# [INSTALL] epia me6000 und gentoo

## trashcity

ich hab ein epia me6000 mainboard und möchte gentoo von einer livecd aus installieren  

ich hab versuchd einfach einmal von der p4 livecd zu starten ist aber nicht gegangen  

kann mir bitte wer einen tip geben welche livecd ich verwenden soll 

hab leider noch nicht viel gefunden 

meine cp ist eine 

C3 600MHz; 1196 bogomips; flags: 

fpu de tsc msr cx8 mtrr pge mmx 

3dnow 

ich hab gelesen das man entwerde 586 oder 686 verwenden soll 

ich möchde nur sicherstellen das der rechner wirklich gut nacher läuft 

für 686 gibts ja eine livecd aber für 586 ist mir keine bekannt

----------

## weltraumfahrer

Hallo,

schau mal unter: http://blade5.bvu.edu/wiki/tiki-index.php

Da steht alles drin.

Frank

----------

## think4urs11

ich habe mein neues CL6000 Board einfach mit einer x86-CD installiert - mit stage3!
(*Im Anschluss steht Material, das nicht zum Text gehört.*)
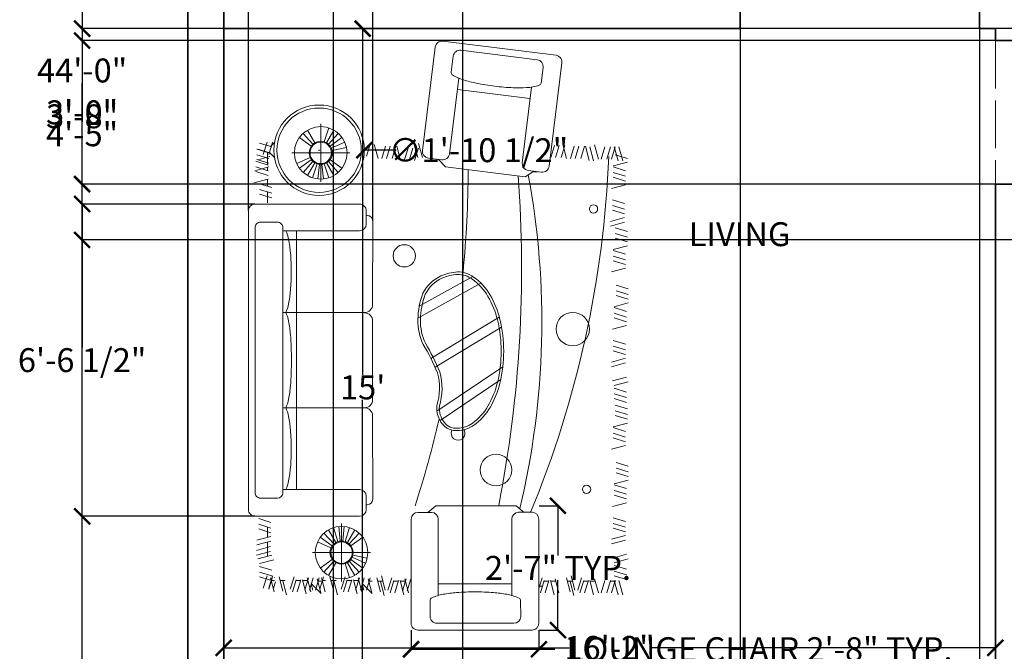
# Model space of a CAD drawing. Units: inches. Extents: x 43 to 543, y 36 to 629.
# Tile 2 of 5: x 43 to 290, y 189 to 348. Entities that reach past the tile are written whole.
import ezdxf

# ---------------------------------------------------------------- set-up
doc = ezdxf.new("R2010")
doc.units = ezdxf.units.IN
doc.header["$MEASUREMENT"] = 0
doc.linetypes.add('ACAD_ISO02W100', pattern=[15, 12, -3])
for name, color, linetype, lineweight in [('A-ANNO-DIMS', 2, 'Continuous', 18), ('A-AREA-IDEN', 7, 'Continuous', 25), ('A-FURN', 8, 'Continuous', 13), ('A-WALL', 7, 'Continuous', 35), ('A-WALL-OVHD', 7, 'ACAD_ISO02W100', 18)]:
    doc.layers.add(name, color=color, linetype=linetype, lineweight=lineweight)
doc.styles.get("Standard").update_dxf_attribs({"font": 'arial.ttf'})
doc.dimstyles.get("Standard").update_dxf_attribs({"dimtxt": 6, "dimasz": 4, "dimexe": 0.18, "dimexo": 0.0625, "dimgap": 0.09, "dimtad": 0, "dimtih": 1, "dimtoh": 1, "dimdec": 0, "dimzin": 0, "dimdsep": 46, "dimlunit": 4, "dimtxsty": 'Standard', "dimblk": 'ARCHTICK', "dimcen": 0.09, "dimadec": 0, "dimazin": 0, "dimtfac": 1, "dimtdec": 0, "dimtofl": 0, "dimtmove": 0, "dimatfit": 3, "dimldrblk": 'ARCHTICK', "dimfxl": 1, "dimtolj": 1, "dimtzin": 0, "dimarcsym": 1})

# ---------------------------------------------------------------- blocks, each defined once
blk = doc.blocks.new('_ArchTick')
at = {"color": 0, "linetype": 'ByBlock', "const_width": 0.15}
blk.add_lwpolyline([(-0.5, -0.5), (0.5, 0.5)], dxfattribs=at)
blk = doc.blocks.new('*D10')
at = {"layer": 'A-ANNO-DIMS', "color": 0, "lineweight": -2, "transparency": 16777216}
for p, q in [((93.88, 165.58), (93.88, 190.33)), ((93.88, 190.15), (180.51, 190.15)), ((287.38, 190.15), (200.74, 190.15)), ((287.38, 165.58), (287.38, 190.33))]:
    blk.add_line(p, q, dxfattribs=at)
at = {"layer": 'Defpoints', "color": 0, "transparency": 16777216}
for p in [(287.38, 190.15), (93.88, 165.52), (287.38, 165.52)]:
    blk.add_point(p, dxfattribs=at)
at = {"layer": 'A-ANNO-DIMS', "color": 0, "lineweight": -2, "transparency": 16777216, "xscale": 4, "yscale": 4, "zscale": 4, "rotation": 180}
blk.add_blockref('_ArchTick', (93.88, 190.15), dxfattribs=at)
at = {"layer": 'A-ANNO-DIMS', "color": 0, "lineweight": -2, "transparency": 16777216, "xscale": 4, "yscale": 4, "zscale": 4}
blk.add_blockref('_ArchTick', (287.38, 190.15), dxfattribs=at)
at = {"layer": 'A-ANNO-DIMS', "color": 0, "transparency": 16777216, "insert": (190.63, 190.15), "char_height": 6, "attachment_point": 5}
blk.add_mtext('\\A1;16\'-2"', dxfattribs=at)
blk = doc.blocks.new('*D11')
at = {"layer": 'A-ANNO-DIMS', "color": 0, "lineweight": -2, "transparency": 16777216}
for p, q in [((93.94, 345.52), (128.91, 345.52)), ((128.73, 345.52), (128.73, 258.67)), ((128.73, 165.52), (128.73, 252.36)), ((93.94, 165.52), (128.91, 165.52))]:
    blk.add_line(p, q, dxfattribs=at)
at = {"layer": 'Defpoints', "color": 0, "transparency": 16777216}
for p in [(93.88, 345.52), (128.73, 345.52), (93.88, 165.52)]:
    blk.add_point(p, dxfattribs=at)
at = {"layer": 'A-ANNO-DIMS', "color": 0, "lineweight": -2, "transparency": 16777216, "xscale": 4, "yscale": 4, "zscale": 4}
for p, rotation in [((128.73, 345.52), 90), ((128.73, 165.52), 270)]:
    blk.add_blockref('_ArchTick', p, dxfattribs=dict(at, rotation=rotation))
at = {"layer": 'A-ANNO-DIMS', "color": 0, "transparency": 16777216, "insert": (128.73, 255.52), "char_height": 6, "attachment_point": 5}
blk.add_mtext("\\A1;15'", dxfattribs=at)
blk = doc.blocks.new('CHAIR-LOUNGE')
for p, q in [((4.21, 29.53, -275.77), (6.22, 31.19, -275.77)), ((26.33, 31.2, -275.77), (6.22, 31.19, -275.77)), ((28.38, 29.51, -275.77), (26.33, 31.2, -275.77)), ((0, 27.82, -275.77), (0.01, 1.7, -275.77)), ((5.1, 29.53, -275.77), (1.7, 29.53, -275.77)), ((6.81, 8.69, -275.77), (6.8, 27.83, -275.77)), ((25.21, 8.69, -275.77), (25.21, 27.83, -275.77)), ((30.31, 29.54, -275.77), (26.91, 29.54, -275.77)), ((32.02, 1.71, -275.77), (32.01, 27.84, -275.77)), ((6.97, 11.58, -275.77), (25.09, 11.58, -275.77)), ((4.77, 3.4, -275.77), (4.77, 7.47, -275.77)), ((27.47, 3.41, -275.77), (27.46, 7.38, -275.77)), ((1.71, 0, -275.77), (30.32, 0.01, -275.77)), ((6.47, 1.7, -275.77), (25.77, 1.71, -275.77))]:
    blk.add_line(p, q)
for centre, radius, start, end in [((1.7, 27.82, -275.77), 1.7, 90.0228, 180.0228), ((5.1, 27.83, -275.77), 1.7, 0.0228, 90.0228), ((26.91, 27.83, -275.77), 1.7, 90.0228, 180.0228), ((30.31, 27.84, -275.77), 1.7, 0.0228, 90.0228), ((5.45, 7.47, -275.77), 0.68, 113.7374, 180.0228), ((10.4, -3.79, -275.77), 12.98, 100.5374, 113.7374), ((13.77, -21.88, -275.77), 31.38, 94.419, 100.5374), ((16.03, -51.17, -275.77), 60.76, 90.0228, 94.419), ((16.03, -51.17, -275.77), 60.76, 85.6266, 90.0228), ((18.27, -21.88, -275.77), 31.38, 79.5083, 85.6266), ((21.62, -3.79, -275.77), 12.98, 65.1817, 79.5083), ((26.78, 7.38, -275.77), 0.68, 0.0228, 65.1817), ((6.47, 3.4, -275.77), 1.7, 180.0228, 270.0228), ((25.77, 3.41, -275.77), 1.7, 270.0228, 0.0228), ((1.71, 1.7, -275.77), 1.7, 180.0228, 270.0228), ((30.32, 1.71, -275.77), 1.7, 270.0228, 0.0228)]:
    blk.add_arc(centre, radius, start, end)
blk = doc.blocks.new('*D29')
at = {"layer": 'A-ANNO-DIMS', "color": 0, "lineweight": -2, "transparency": 16777216}
for p, q in [((140.89, 194.57), (140.89, 189.65)), ((172.91, 194.57), (172.91, 189.65)), ((140.89, 189.83), (172.91, 189.83)), ((172.91, 189.83), (176.91, 189.83))]:
    blk.add_line(p, q, dxfattribs=at)
at = {"layer": 'Defpoints', "color": 0, "transparency": 16777216}
for p in [(140.89, 194.63), (172.91, 194.63), (172.91, 189.83)]:
    blk.add_point(p, dxfattribs=at)
at = {"layer": 'A-ANNO-DIMS', "color": 0, "lineweight": -2, "transparency": 16777216, "xscale": 4, "yscale": 4, "zscale": 4, "rotation": 180}
blk.add_blockref('_ArchTick', (140.89, 189.83), dxfattribs=at)
at = {"layer": 'A-ANNO-DIMS', "color": 0, "lineweight": -2, "transparency": 16777216, "xscale": 4, "yscale": 4, "zscale": 4}
blk.add_blockref('_ArchTick', (172.91, 189.83), dxfattribs=at)
at = {"layer": 'A-ANNO-DIMS', "color": 0, "transparency": 16777216, "insert": (228.22, 189.83), "char_height": 6, "attachment_point": 5}
blk.add_mtext('\\A1;LOUNGE CHAIR 2\'-8" TYP.', dxfattribs=at)
blk = doc.blocks.new('*D30')
at = {"layer": 'A-ANNO-DIMS', "color": 0, "lineweight": -2, "transparency": 16777216}
for p, q in [((172.97, 225.83), (177.89, 225.83)), ((177.71, 225.83), (177.71, 213.34)), ((177.71, 194.63), (177.71, 207.13)), ((172.97, 194.63), (177.89, 194.63))]:
    blk.add_line(p, q, dxfattribs=at)
at = {"layer": 'Defpoints', "color": 0, "transparency": 16777216}
for p in [(172.91, 225.83), (177.71, 225.83), (172.91, 194.63)]:
    blk.add_point(p, dxfattribs=at)
at = {"layer": 'A-ANNO-DIMS', "color": 0, "lineweight": -2, "transparency": 16777216, "xscale": 4, "yscale": 4, "zscale": 4}
for p, rotation in [((177.71, 225.83), 90), ((177.71, 194.63), 270)]:
    blk.add_blockref('_ArchTick', p, dxfattribs=dict(at, rotation=rotation))
at = {"layer": 'A-ANNO-DIMS', "color": 0, "transparency": 16777216, "insert": (177.71, 210.23), "char_height": 6, "attachment_point": 5}
blk.add_mtext('\\A1;2\'-7" TYP.', dxfattribs=at)
blk = doc.blocks.new('*D38')
at = {"layer": 'A-ANNO-DIMS', "color": 0, "lineweight": -2, "transparency": 16777216}
for p, q in [((84.82, 599.02), (58.2, 599.02)), ((58.38, 599.02), (58.38, 338.17)), ((58.38, 71.02), (58.38, 331.86)), ((84.82, 71.02), (58.2, 71.02))]:
    blk.add_line(p, q, dxfattribs=at)
at = {"layer": 'Defpoints', "color": 0, "transparency": 16777216}
for p in [(58.38, 599.02), (84.88, 599.02), (84.88, 71.02)]:
    blk.add_point(p, dxfattribs=at)
at = {"layer": 'A-ANNO-DIMS', "color": 0, "lineweight": -2, "transparency": 16777216, "xscale": 4, "yscale": 4, "zscale": 4}
for p, rotation in [((58.38, 599.02), 90), ((58.38, 71.02), 270)]:
    blk.add_blockref('_ArchTick', p, dxfattribs=dict(at, rotation=rotation))
at = {"layer": 'A-ANNO-DIMS', "color": 0, "transparency": 16777216, "insert": (58.38, 335.02), "char_height": 6, "attachment_point": 5}
blk.add_mtext('\\A1;44\'-0"', dxfattribs=at)
blk = doc.blocks.new('*D44')
at = {"layer": 'A-ANNO-DIMS', "color": 0, "lineweight": -2, "transparency": 16777216}
for p, q in [((121.33, 384.5), (121.33, 44.34)), ((153.74, 384.5), (153.74, 44.34)), ((121.33, 44.52), (122.43, 44.52)), ((153.74, 44.52), (152.64, 44.52))]:
    blk.add_line(p, q, dxfattribs=at)
at = {"layer": 'Defpoints', "color": 0, "transparency": 16777216}
for p in [(121.33, 384.57), (153.74, 384.57), (153.74, 44.52)]:
    blk.add_point(p, dxfattribs=at)
at = {"layer": 'A-ANNO-DIMS', "color": 0, "lineweight": -2, "transparency": 16777216, "xscale": 4, "yscale": 4, "zscale": 4, "rotation": 180}
blk.add_blockref('_ArchTick', (121.33, 44.52), dxfattribs=at)
at = {"layer": 'A-ANNO-DIMS', "color": 0, "lineweight": -2, "transparency": 16777216, "xscale": 4, "yscale": 4, "zscale": 4}
blk.add_blockref('_ArchTick', (153.74, 44.52), dxfattribs=at)
at = {"layer": 'A-ANNO-DIMS', "color": 0, "transparency": 16777216, "insert": (137.54, 44.52), "char_height": 6, "attachment_point": 5}
blk.add_mtext('\\A1;2\'-8 1/2"', dxfattribs=at)
blk = doc.blocks.new('*D49')
at = {"layer": 'A-ANNO-DIMS', "color": 0, "lineweight": -2, "transparency": 16777216}
for p, q in [((371.32, 345.52), (58.2, 345.52)), ((58.38, 345.52), (58.38, 322.16)), ((58.38, 292.52), (58.38, 315.88)), ((371.32, 292.52), (58.2, 292.52))]:
    blk.add_line(p, q, dxfattribs=at)
at = {"layer": 'Defpoints', "color": 0, "transparency": 16777216}
for p in [(58.38, 345.52), (371.38, 345.52), (371.38, 292.52)]:
    blk.add_point(p, dxfattribs=at)
at = {"layer": 'A-ANNO-DIMS', "color": 0, "lineweight": -2, "transparency": 16777216, "xscale": 4, "yscale": 4, "zscale": 4}
for p, rotation in [((58.38, 345.52), 90), ((58.38, 292.52), 270)]:
    blk.add_blockref('_ArchTick', p, dxfattribs=dict(at, rotation=rotation))
at = {"layer": 'A-ANNO-DIMS', "color": 0, "transparency": 16777216, "insert": (58.38, 319.02), "char_height": 6, "attachment_point": 5}
blk.add_mtext('\\A1;4\'-5"', dxfattribs=at)
blk = doc.blocks.new('*D54')
at = {"layer": 'A-ANNO-DIMS', "color": 0, "lineweight": -2, "transparency": 16777216}
for p, q in [((223.38, 345.45), (223.38, 44.34)), ((283.38, 345.45), (283.38, 44.34)), ((223.38, 44.52), (245.31, 44.52)), ((283.38, 44.52), (261.44, 44.52))]:
    blk.add_line(p, q, dxfattribs=at)
at = {"layer": 'Defpoints', "color": 0, "transparency": 16777216}
for p in [(223.38, 345.52), (283.38, 345.52), (283.38, 44.52)]:
    blk.add_point(p, dxfattribs=at)
at = {"layer": 'A-ANNO-DIMS', "color": 0, "lineweight": -2, "transparency": 16777216, "xscale": 4, "yscale": 4, "zscale": 4, "rotation": 180}
blk.add_blockref('_ArchTick', (223.38, 44.52), dxfattribs=at)
at = {"layer": 'A-ANNO-DIMS', "color": 0, "lineweight": -2, "transparency": 16777216, "xscale": 4, "yscale": 4, "zscale": 4}
blk.add_blockref('_ArchTick', (283.38, 44.52), dxfattribs=at)
at = {"layer": 'A-ANNO-DIMS', "color": 0, "transparency": 16777216, "insert": (253.38, 44.52), "char_height": 6, "attachment_point": 5}
blk.add_mtext('\\A1;5\'-0"', dxfattribs=at)
blk = doc.blocks.new('*D55')
at = {"layer": 'A-ANNO-DIMS', "color": 0, "lineweight": -2, "transparency": 16777216}
for p, q in [((287.32, 342.52), (58.2, 342.52)), ((58.38, 342.52), (58.38, 327.67)), ((58.38, 306.52), (58.38, 321.36)), ((287.32, 306.52), (58.2, 306.52))]:
    blk.add_line(p, q, dxfattribs=at)
at = {"layer": 'Defpoints', "color": 0, "transparency": 16777216}
for p in [(58.38, 342.52), (287.38, 342.52), (287.38, 306.52)]:
    blk.add_point(p, dxfattribs=at)
at = {"layer": 'A-ANNO-DIMS', "color": 0, "lineweight": -2, "transparency": 16777216, "xscale": 4, "yscale": 4, "zscale": 4}
for p, rotation in [((58.38, 342.52), 90), ((58.38, 306.52), 270)]:
    blk.add_blockref('_ArchTick', p, dxfattribs=dict(at, rotation=rotation))
at = {"layer": 'A-ANNO-DIMS', "color": 0, "transparency": 16777216, "insert": (58.38, 324.52), "char_height": 6, "attachment_point": 5}
blk.add_mtext('\\A1;3\'-0"', dxfattribs=at)
blk = doc.blocks.new('*D56')
at = {"layer": 'A-ANNO-DIMS', "color": 0, "lineweight": -2, "transparency": 16777216}
for p, q in [((101.72, 301.52), (58.2, 301.52)), ((58.38, 301.52), (58.38, 265.54)), ((58.38, 223.17), (58.38, 259.15)), ((101.72, 223.17), (58.2, 223.17))]:
    blk.add_line(p, q, dxfattribs=at)
at = {"layer": 'Defpoints', "color": 0, "transparency": 16777216}
for p in [(58.38, 301.52), (101.78, 301.52), (101.78, 223.17)]:
    blk.add_point(p, dxfattribs=at)
at = {"layer": 'A-ANNO-DIMS', "color": 0, "lineweight": -2, "transparency": 16777216, "xscale": 4, "yscale": 4, "zscale": 4}
for p, rotation in [((58.38, 301.52), 90), ((58.38, 223.17), 270)]:
    blk.add_blockref('_ArchTick', p, dxfattribs=dict(at, rotation=rotation))
at = {"layer": 'A-ANNO-DIMS', "color": 0, "transparency": 16777216, "insert": (58.38, 262.35), "char_height": 6, "attachment_point": 5}
blk.add_mtext('\\A1;6\'-6 1/2"', dxfattribs=at)
blk = doc.blocks.new('*D57')
at = {"layer": 'A-ANNO-DIMS', "color": 0, "lineweight": -2, "transparency": 16777216}
for p, q in [((100.07, 299.91), (100.07, 625.7)), ((100.07, 625.52), (107.55, 625.52)), ((131.25, 625.52), (123.78, 625.52)), ((131.25, 297.32), (131.25, 625.7))]:
    blk.add_line(p, q, dxfattribs=at)
at = {"layer": 'Defpoints', "color": 0, "transparency": 16777216}
for p in [(131.25, 625.52), (100.07, 299.85), (131.25, 297.26)]:
    blk.add_point(p, dxfattribs=at)
at = {"layer": 'A-ANNO-DIMS', "color": 0, "lineweight": -2, "transparency": 16777216, "xscale": 4, "yscale": 4, "zscale": 4, "rotation": 180}
blk.add_blockref('_ArchTick', (100.07, 625.52), dxfattribs=at)
at = {"layer": 'A-ANNO-DIMS', "color": 0, "lineweight": -2, "transparency": 16777216, "xscale": 4, "yscale": 4, "zscale": 4}
blk.add_blockref('_ArchTick', (131.25, 625.52), dxfattribs=at)
at = {"layer": 'A-ANNO-DIMS', "color": 0, "transparency": 16777216, "insert": (115.66, 625.52), "char_height": 6, "attachment_point": 5}
blk.add_mtext('\\A1;2\'-7"', dxfattribs=at)
blk = doc.blocks.new('*D58')
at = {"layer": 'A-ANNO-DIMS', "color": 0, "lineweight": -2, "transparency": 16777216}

Anschließend die CFlags/USE-Flags und alles andere entsprechend setzen und was man braucht emergen (xfree, mozilla-firebird, whatever).

Auf die Art und Weise hat man relativ zügig ein funktionierendes System und kann arbeiten.

Alles was nicht in Stage3 enthalten ist wird gleich optimal compiliert und alles andere wie z.B. der gcc / binutils / openssh / whatever erledigt sich im Lauf der Zeit sowieso sobald eine neue Version im Portagetree auftaucht.

----------

## trashcity

hab noch ein kleines problem was mit meinen dvd laufwerk zusammen hängt

und zwar bekomme ich immer eine meldung 

hdd: timeout waiting for dma

hdd: timeout waiting for dma

hdd: (_ide_dma_test_ipq) calles while not wating

kann ich da irgend etwas anderes einstellen?

----------

## Donnergurgler

(1) Funktioniert DMA bei Deinen Festplatten?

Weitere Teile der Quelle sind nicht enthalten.